Knowledge does not mean the ability to end suffering, but only to displace it—to send it elsewhere.

When Ansel Morrison wakes in the middle of the night from dreams of the airships, this is always the way he remembers them, though he knows that when the day comes the planes will fly so low as to barely miss the flames from their own bombs.

He lives at the end of a long gravel drive, in a saltbox house set down among pine trees half a mile from the shore of Long Island Sound. The war is a long way off across the water, and the part that most involves him is more distant still. The beach is rocky where he lives. Even half a mile off, when the house is quiet he can hear the tide dragging stone over stone. When the men fighting the distant war want his input, they reach him by telegraph wire. The machine sits on a shelf in his study, still and silent nearly all the time. Sometimes late at night he hears it muttering to itself like a ghost in the empty room.

He shares the house with his wife and two young children, one of whom is his own. They’ll be home from school in an hour or so, walking together up the driveway from the bus stop, and he’ll hear their voices before he sees them. Claire is the eldest, almost ten, and she cares for her half-brother, Richie, like a second mother. He follows her everywhere, or she leads him, which amounts to the same thing. She takes him with her wherever she goes. She reads to him and when they’re away from their little library, she spins him stories out of the books they’ve read together. The stories she invents are static, but they’re happy. They take place in a universe in which all the bonds of the printed page have been broken. Characters from different books can meet in one another’s worlds and wander together across those porous borders, all their enemies vanquished and their conflicts resolved, nothing to do now but go visiting.

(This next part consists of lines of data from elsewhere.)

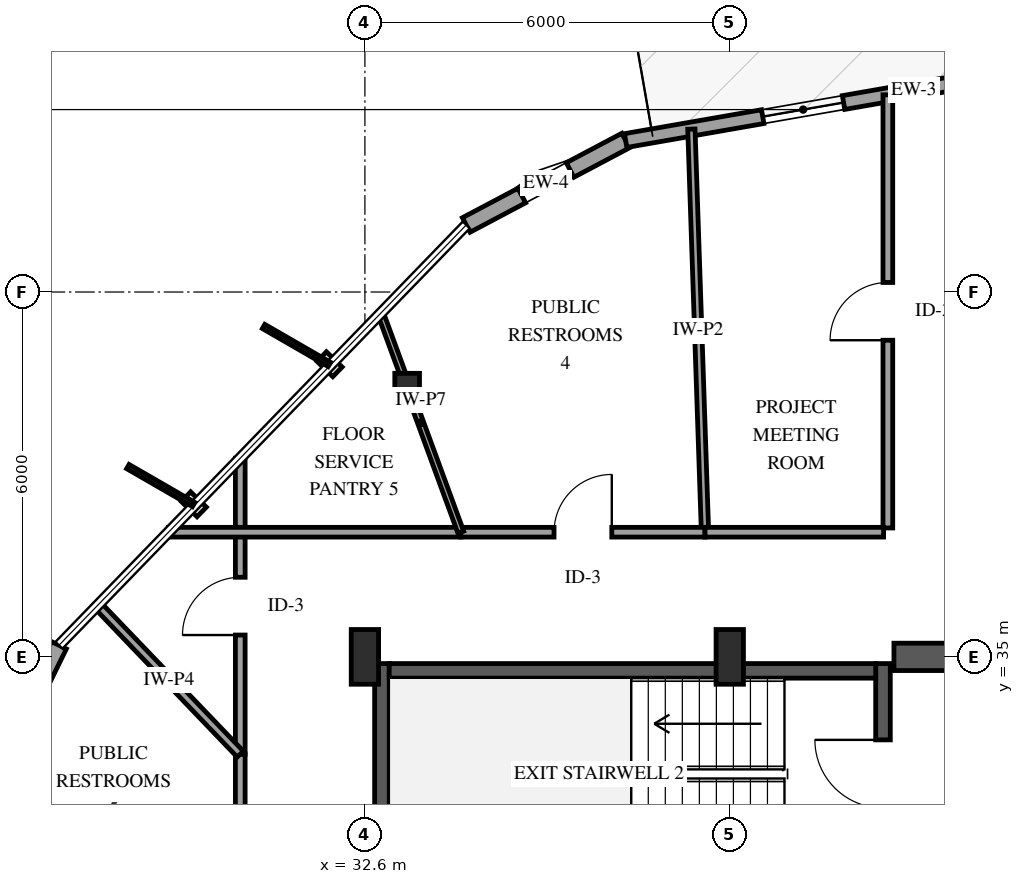
"""IFC4 building model, lengths in metres.
Left out: names, types, materials, properties, quantities, classifications, styles, units other than length and angle.
Written with IfcOpenShell. Run it as: python <this file> out.ifc"""

import sys

from ifc_helpers import new_model, si_unit, direction, frame, frame_2d, origin, origin_2d, place, context, subcontext, project, spatial, rectangle, i_section, extrude, element, fill, save


model = new_model("IFC4")
c1 = context("Model", 3, precision=1e-05, world=origin(), true_north=direction((0.0, 1.0)))
c2 = subcontext(c1, "Body", "Model", "MODEL_VIEW")
j1 = project(units=[si_unit("LENGTHUNIT", "METRE"), si_unit("PLANEANGLEUNIT", "RADIAN")], contexts=[c1])
p1 = place(None, origin())
s1 = spatial("IfcSite", under=j1, at=p1, CompositionType="ELEMENT")
p2 = place(p1, origin())
s2 = spatial("IfcBuilding", under=s1, at=p2, CompositionType="ELEMENT")
p3 = place(p2, frame((0.0, 0.0, 201.4)))
s3 = spatial("IfcBuildingStorey", under=s2, at=p3, CompositionType="ELEMENT", Elevation=201.4)
p4 = place(p3, frame((32.88, 31.26, 0.0), z_axis=(0.0, 0.0, 1.0), x_axis=(0.0, 1.0, 0.0)))
e1 = element("IfcWall", 1, at=p4, inside=s3, PredefinedType="SHEAR", context=c2, shape_type="SweptSolid", body=[
    extrude(rectangle(XDim=3.63, YDim=0.24, at=frame_2d((1.815, 0.0))), origin(), (0.0, 0.0, 1.0), 3.6),
])
p5 = place(p3, frame((41.12, 31.26, 0.0), z_axis=(0.0, 0.0, 1.0), x_axis=(0.0, 1.0, 0.0)))
e2 = element("IfcWall", 2, at=p5, inside=s3, PredefinedType="SHEAR", context=c2, shape_type="SweptSolid", body=[
    extrude(rectangle(XDim=3.63, YDim=0.24, at=frame_2d((1.815, 0.0))), origin(), (0.0, 0.0, 1.0), 3.6),
])
p6 = place(p5, frame((1.255, 0.0, 0.0)))
e3 = element("IfcOpeningElement", 3, at=p6, cuts=e2, PredefinedType="OPENING", context=c2, shape_type="SweptSolid", body=[
    extrude(rectangle(XDim=1.12, YDim=2.15, at=frame_2d((0.56, 1.075))), frame((0.0, 0.13, 0.0), z_axis=(0.0, -1.0, 0.0), x_axis=(1.0, 0.0, 0.0)), (0.0, 0.0, 1.0), 0.26),
])
p7 = place(p3, frame((33.0, 34.77, 0.0), z_axis=(0.0, 0.0, 1.0), x_axis=(1.0, 0.0, 0.0)))
e4 = element("IfcWall", 4, at=p7, inside=s3, PredefinedType="SHEAR", context=c2, shape_type="SweptSolid", body=[
    extrude(rectangle(XDim=8.0, YDim=0.24, at=frame_2d((4.0, 0.0))), origin(), (0.0, 0.0, 1.0), 3.6),
])
p8 = place(p3, frame((41.3, 35.0, 0.0), z_axis=(0.0, 0.0, 1.0), x_axis=(1.0, 0.0, 0.0)))
e5 = element("IfcWall", 5, at=p8, inside=s3, PredefinedType="SHEAR", context=c2, shape_type="SweptSolid", body=[
    extrude(rectangle(XDim=2.85, YDim=0.45, at=frame_2d((1.425, 0.0))), origin(), (0.0, 0.0, 1.0), 3.6),
])
for number, where, z_axis, x_axis in (
    (6, (32.6, 35.0, 0.0), (0.0, 0.0, 1.0), (1.0, 0.0, 0.0)),
    (7, (38.6, 35.0, 0.0), (0.0, 0.0, 1.0), (1.0, 0.0, 0.0)),
):
    element("IfcColumn", number, at=place(p3, frame(where, z_axis=z_axis, x_axis=x_axis)), inside=s3, PredefinedType="PILASTER", context=c2, shape_type="SweptSolid", body=[
        extrude(rectangle(XDim=0.45, YDim=0.9, at=origin_2d()), origin(), (0.0, 0.0, 1.0), 3.6),
    ])
p9 = place(p3, frame((33.295, 39.455, 0.0), z_axis=(0.0, 0.0, 1.0), x_axis=(1.0, 0.0, 0.0)))
e8 = element("IfcColumn", 8, at=p9, inside=s3, PredefinedType="COLUMN", context=c2, shape_type="SweptSolid", body=[
    extrude(i_section(OverallWidth=0.406, OverallDepth=0.416, WebThickness=0.03, FlangeThickness=0.048, FilletRadius=0.038, at=origin_2d()), origin(), (0.0, 0.0, 1.0), 3.6),
])
p10 = place(p3, frame((36.888, 43.49, 0.0), z_axis=(0.0, 0.0, 1.0), x_axis=(-0.883799927138, -0.467865032664, 0.0)))
e9 = element("IfcWall", 9, at=p10, inside=s3, PredefinedType="SOLIDWALL", context=c2, shape_type="SweptSolid", body=[
    extrude(rectangle(XDim=2.967, YDim=0.27, at=frame_2d((1.483, 0.0))), origin(), (0.0, 0.0, 1.0), 2.679),
])
p11 = place(p10, frame((1.033, 0.0, 0.75)))
e10 = element("IfcOpeningElement", 10, at=p11, cuts=e9, PredefinedType="OPENING", context=c2, shape_type="SweptSolid", body=[
    extrude(rectangle(XDim=0.9, YDim=1.5, at=frame_2d((0.45, 0.75))), frame((0.0, 0.145, 0.0), z_axis=(0.0, -1.0, 0.0), x_axis=(1.0, 0.0, 0.0)), (0.0, 0.0, 1.0), 0.29),
])
p12 = place(p3, frame((46.369, 45.145, 0.0), z_axis=(0.0, 0.0, 1.0), x_axis=(-0.985106934839, -0.171942801338, 0.0)))
e11 = element("IfcWall", 11, at=p12, inside=s3, PredefinedType="SOLIDWALL", context=c2, shape_type="SweptSolid", body=[
    extrude(rectangle(XDim=9.624, YDim=0.23, at=frame_2d((4.812, 0.0))), origin(), (0.0, 0.0, 1.0), 2.679),
])
p13 = place(p12, frame((0.65, 0.0, 0.0)))
e12 = element("IfcOpeningElement", 12, at=p13, cuts=e11, PredefinedType="OPENING", context=c2, shape_type="SweptSolid", body=[
    extrude(rectangle(XDim=1.0, YDim=2.15, at=frame_2d((0.5, 1.075))), frame((0.0, 0.125, 0.0), z_axis=(0.0, -1.0, 0.0), x_axis=(1.0, 0.0, 0.0)), (0.0, 0.0, 1.0), 0.25),
])
p14 = place(p12, frame((5.986, 0.0, 0.72)))
e13 = element("IfcOpeningElement", 13, at=p14, cuts=e11, PredefinedType="OPENING", context=c2, shape_type="SweptSolid", body=[
    extrude(rectangle(XDim=1.35, YDim=1.65, at=frame_2d((0.675, 0.825))), frame((0.0, 0.125, 0.0), z_axis=(0.0, -1.0, 0.0), x_axis=(1.0, 0.0, 0.0)), (0.0, 0.0, 1.0), 0.25),
])
p15 = place(p3, frame((27.569, 35.191, 0.0), z_axis=(0.0, 0.0, 1.0), x_axis=(-0.439956847616, -0.898018915299, 0.0)))
e14 = element("IfcWall", 14, at=p15, inside=s3, PredefinedType="SOLIDWALL", context=c2, shape_type="SweptSolid", body=[
    extrude(rectangle(XDim=2.967, YDim=0.27, at=frame_2d((1.483, 0.0))), origin(), (0.0, 0.0, 1.0), 2.679),
])
p16 = place(p15, frame((1.033, 0.0, 0.75)))
e15 = element("IfcOpeningElement", 15, at=p16, cuts=e14, PredefinedType="OPENING", context=c2, shape_type="SweptSolid", body=[
    extrude(rectangle(XDim=0.9, YDim=1.5, at=frame_2d((0.45, 0.75))), frame((0.0, 0.145, 0.0), z_axis=(0.0, -1.0, 0.0), x_axis=(1.0, 0.0, 0.0)), (0.0, 0.0, 1.0), 0.29),
])
p17 = place(p3, frame((41.2, 37.12, 0.0), z_axis=(0.0, 0.0, 1.0), x_axis=(0.0, 1.0, 0.0)))
e16 = element("IfcWall", 16, at=p17, inside=s3, PredefinedType="PARTITIONING", context=c2, shape_type="SweptSolid", body=[
    extrude(rectangle(XDim=7.123, YDim=0.16, at=frame_2d((3.562, 0.0))), origin(), (0.0, 0.0, 1.0), 3.3),
])
p18 = place(p17, frame((3.087, 0.0, 0.0)))
e17 = element("IfcOpeningElement", 17, at=p18, cuts=e16, PredefinedType="OPENING", context=c2, shape_type="SweptSolid", body=[
    extrude(rectangle(XDim=0.95, YDim=2.15, at=frame_2d((0.475, 1.075))), frame((0.0, 0.09, 0.0), z_axis=(0.0, -1.0, 0.0), x_axis=(1.0, 0.0, 0.0)), (0.0, 0.0, 1.0), 0.18),
])
p19 = place(p3, frame((38.193, 37.05, 0.0), z_axis=(0.0, 0.0, 1.0), x_axis=(-0.033790356862, 0.999428942838, 0.0)))
e18 = element("IfcWall", 18, at=p19, inside=s3, PredefinedType="PARTITIONING", context=c2, shape_type="SweptSolid", body=[
    extrude(rectangle(XDim=6.633, YDim=0.12, at=frame_2d((3.316, 0.0))), origin(), (0.0, 0.0, 1.0), 3.3),
])
p20 = place(p3, frame((30.55, 28.351, 0.0), z_axis=(0.0, 0.0, 1.0), x_axis=(0.0, 1.0, 0.0)))
e19 = element("IfcWall", 19, at=p20, inside=s3, PredefinedType="PARTITIONING", context=c2, shape_type="SweptSolid", body=[
    extrude(rectangle(XDim=5.05, YDim=0.16, at=frame_2d((2.525, 0.0))), origin(), (0.0, 0.0, 1.0), 3.3),
])
p21 = place(p20, frame((2.05, 0.0, 0.0)))
e20 = element("IfcOpeningElement", 20, at=p21, cuts=e19, PredefinedType="OPENING", context=c2, shape_type="SweptSolid", body=[
    extrude(rectangle(XDim=0.95, YDim=2.15, at=frame_2d((0.475, 1.075))), frame((0.0, 0.09, 0.0), z_axis=(0.0, -1.0, 0.0), x_axis=(1.0, 0.0, 0.0)), (0.0, 0.0, 1.0), 0.18),
])
p22 = place(p3, frame((30.55, 33.401, 0.0), z_axis=(0.0, 0.0, 1.0), x_axis=(0.0, 1.0, 0.0)))
e21 = element("IfcWall", 21, at=p22, inside=s3, PredefinedType="PARTITIONING", context=c2, shape_type="SweptSolid", body=[
    extrude(rectangle(XDim=4.866, YDim=0.16, at=frame_2d((2.433, 0.0))), origin(), (0.0, 0.0, 1.0), 3.3),
])
p23 = place(p22, frame((1.958, 0.0, 0.0)))
e22 = element("IfcOpeningElement", 22, at=p23, cuts=e21, PredefinedType="OPENING", context=c2, shape_type="SweptSolid", body=[
    extrude(rectangle(XDim=0.95, YDim=2.15, at=frame_2d((0.475, 1.075))), frame((0.0, 0.09, 0.0), z_axis=(0.0, -1.0, 0.0), x_axis=(1.0, 0.0, 0.0)), (0.0, 0.0, 1.0), 0.18),
])
p24 = place(p3, frame((29.37, 37.05, 0.0), z_axis=(0.0, 0.0, 1.0), x_axis=(1.0, 0.0, 0.0)))
e23 = element("IfcWall", 23, at=p24, inside=s3, PredefinedType="PARTITIONING", context=c2, shape_type="SweptSolid", body=[
    extrude(rectangle(XDim=4.807, YDim=0.16, at=frame_2d((2.403, 0.0))), origin(), (0.0, 0.0, 1.0), 3.3),
])
p25 = place(p3, frame((34.177, 37.05, 0.0), z_axis=(0.0, 0.0, 1.0), x_axis=(1.0, 0.0, 0.0)))
e24 = element("IfcWall", 24, at=p25, inside=s3, PredefinedType="PARTITIONING", context=c2, shape_type="SweptSolid", body=[
    extrude(rectangle(XDim=4.016, YDim=0.16, at=frame_2d((2.008, 0.0))), origin(), (0.0, 0.0, 1.0), 3.3),
])
p26 = place(p25, frame((1.533, 0.0, 0.0)))
e25 = element("IfcOpeningElement", 25, at=p26, cuts=e24, PredefinedType="OPENING", context=c2, shape_type="SweptSolid", body=[
    extrude(rectangle(XDim=0.95, YDim=2.15, at=frame_2d((0.475, 1.075))), frame((0.0, 0.09, 0.0), z_axis=(0.0, -1.0, 0.0), x_axis=(1.0, 0.0, 0.0)), (0.0, 0.0, 1.0), 0.18),
])
p27 = place(p3, frame((34.177, 37.05, 0.0), z_axis=(0.0, 0.0, 1.0), x_axis=(-0.344447438481, 0.938805604012, 0.0)))
e26 = element("IfcWall", 26, at=p27, inside=s3, PredefinedType="PARTITIONING", context=c2, shape_type="SweptSolid", body=[
    extrude(rectangle(XDim=3.833, YDim=0.1, at=frame_2d((1.916, 0.0))), origin(), (0.0, 0.0, 1.0), 2.595),
])
p28 = place(p3, frame((30.55, 33.401, 0.0), z_axis=(0.0, 0.0, 1.0), x_axis=(-0.691891282154, 0.722001699222, 0.0)))
e27 = element("IfcWall", 27, at=p28, inside=s3, PredefinedType="PARTITIONING", context=c2, shape_type="SweptSolid", body=[
    extrude(rectangle(XDim=3.389, YDim=0.14, at=frame_2d((1.695, 0.0))), origin(), (0.0, 0.0, 1.0), 3.3),
])
p29 = place(p3, frame((38.193, 37.05, 0.0), z_axis=(0.0, 0.0, 1.0), x_axis=(1.0, 0.0, 0.0)))
e28 = element("IfcWall", 28, at=p29, inside=s3, PredefinedType="PARTITIONING", context=c2, shape_type="SweptSolid", body=[
    extrude(rectangle(XDim=2.937, YDim=0.16, at=frame_2d((1.468, 0.0))), origin(), (0.0, 0.0, 1.0), 3.3),
])
p30 = place(p11, origin())
e29 = element("IfcWindow", 29, at=p30, inside=s3, PartitioningType="SINGLE_PANEL", PredefinedType="WINDOW", context=c2, shape_type="SweptSolid", body=[
    extrude(rectangle(XDim=0.9, YDim=1.5, at=frame_2d((0.45, 0.75))), frame((0.0, 0.03, 0.0), z_axis=(0.0, -1.0, 0.0), x_axis=(1.0, 0.0, 0.0)), (0.0, 0.0, 1.0), 0.06),
])
fill(e10, e29)
p31 = place(p14, origin())
e30 = element("IfcWindow", 30, at=p31, inside=s3, PartitioningType="SINGLE_PANEL", PredefinedType="WINDOW", context=c2, shape_type="SweptSolid", body=[
    extrude(rectangle(XDim=1.35, YDim=1.65, at=frame_2d((0.675, 0.825))), frame((0.0, 0.03, 0.0), z_axis=(0.0, -1.0, 0.0), x_axis=(1.0, 0.0, 0.0)), (0.0, 0.0, 1.0), 0.06),
])
fill(e13, e30)
p32 = place(p6, origin())
e31 = element("IfcDoor", 31, at=p32, inside=s3, OperationType="SINGLE_SWING_RIGHT", PredefinedType="DOOR", context=c2, shape_type="SweptSolid", body=[
    extrude(rectangle(XDim=1.12, YDim=2.15, at=frame_2d((0.56, 1.075))), frame((0.0, 0.025, 0.0), z_axis=(0.0, -1.0, 0.0), x_axis=(1.0, 0.0, 0.0)), (0.0, 0.0, 1.0), 0.05),
])
fill(e3, e31)
p33 = place(p18, origin())
e32 = element("IfcDoor", 32, at=p33, inside=s3, OperationType="SINGLE_SWING_LEFT", PredefinedType="DOOR", context=c2, shape_type="SweptSolid", body=[
    extrude(rectangle(XDim=0.95, YDim=2.15, at=frame_2d((0.475, 1.075))), frame((0.0, 0.025, 0.0), z_axis=(0.0, -1.0, 0.0), x_axis=(1.0, 0.0, 0.0)), (0.0, 0.0, 1.0), 0.05),
])
fill(e17, e32)
p34 = place(p23, origin())
e33 = element("IfcDoor", 33, at=p34, inside=s3, OperationType="SINGLE_SWING_LEFT", PredefinedType="DOOR", context=c2, shape_type="SweptSolid", body=[
    extrude(rectangle(XDim=0.95, YDim=2.15, at=frame_2d((0.475, 1.075))), frame((0.0, 0.025, 0.0), z_axis=(0.0, -1.0, 0.0), x_axis=(1.0, 0.0, 0.0)), (0.0, 0.0, 1.0), 0.05),
])
fill(e22, e33)
p35 = place(p26, origin())
e34 = element("IfcDoor", 34, at=p35, inside=s3, OperationType="SINGLE_SWING_RIGHT", PredefinedType="DOOR", context=c2, shape_type="SweptSolid", body=[
    extrude(rectangle(XDim=0.95, YDim=2.15, at=frame_2d((0.475, 1.075))), frame((0.0, 0.025, 0.0), z_axis=(0.0, -1.0, 0.0), x_axis=(1.0, 0.0, 0.0)), (0.0, 0.0, 1.0), 0.05),
])
fill(e25, e34)
save(model, sys.argv[1])

His wife is lifting tall stacks of paper from the dining room table and dropping them on the floor one by one, meanwhile singing “Pennies From Heaven” to herself in a low, quiet voice, as she’s been doing all afternoon. The dull thud the papers make when they hit the floor is the only sign of her irritation. “You have a desk,” she means to say. “Can’t there be some part of the house that’s for living in, and not for working?”

Caroline Morrison is her name now, which has, Ansel thinks, a pleasant ring to it. Before that it was Caroline Clark and, before that, before she had ever been married, Caroline Richards. Back then people called her Callie, but he didn’t know her then.

“The children will be home any minute,” she says now. “It’s the weekend.”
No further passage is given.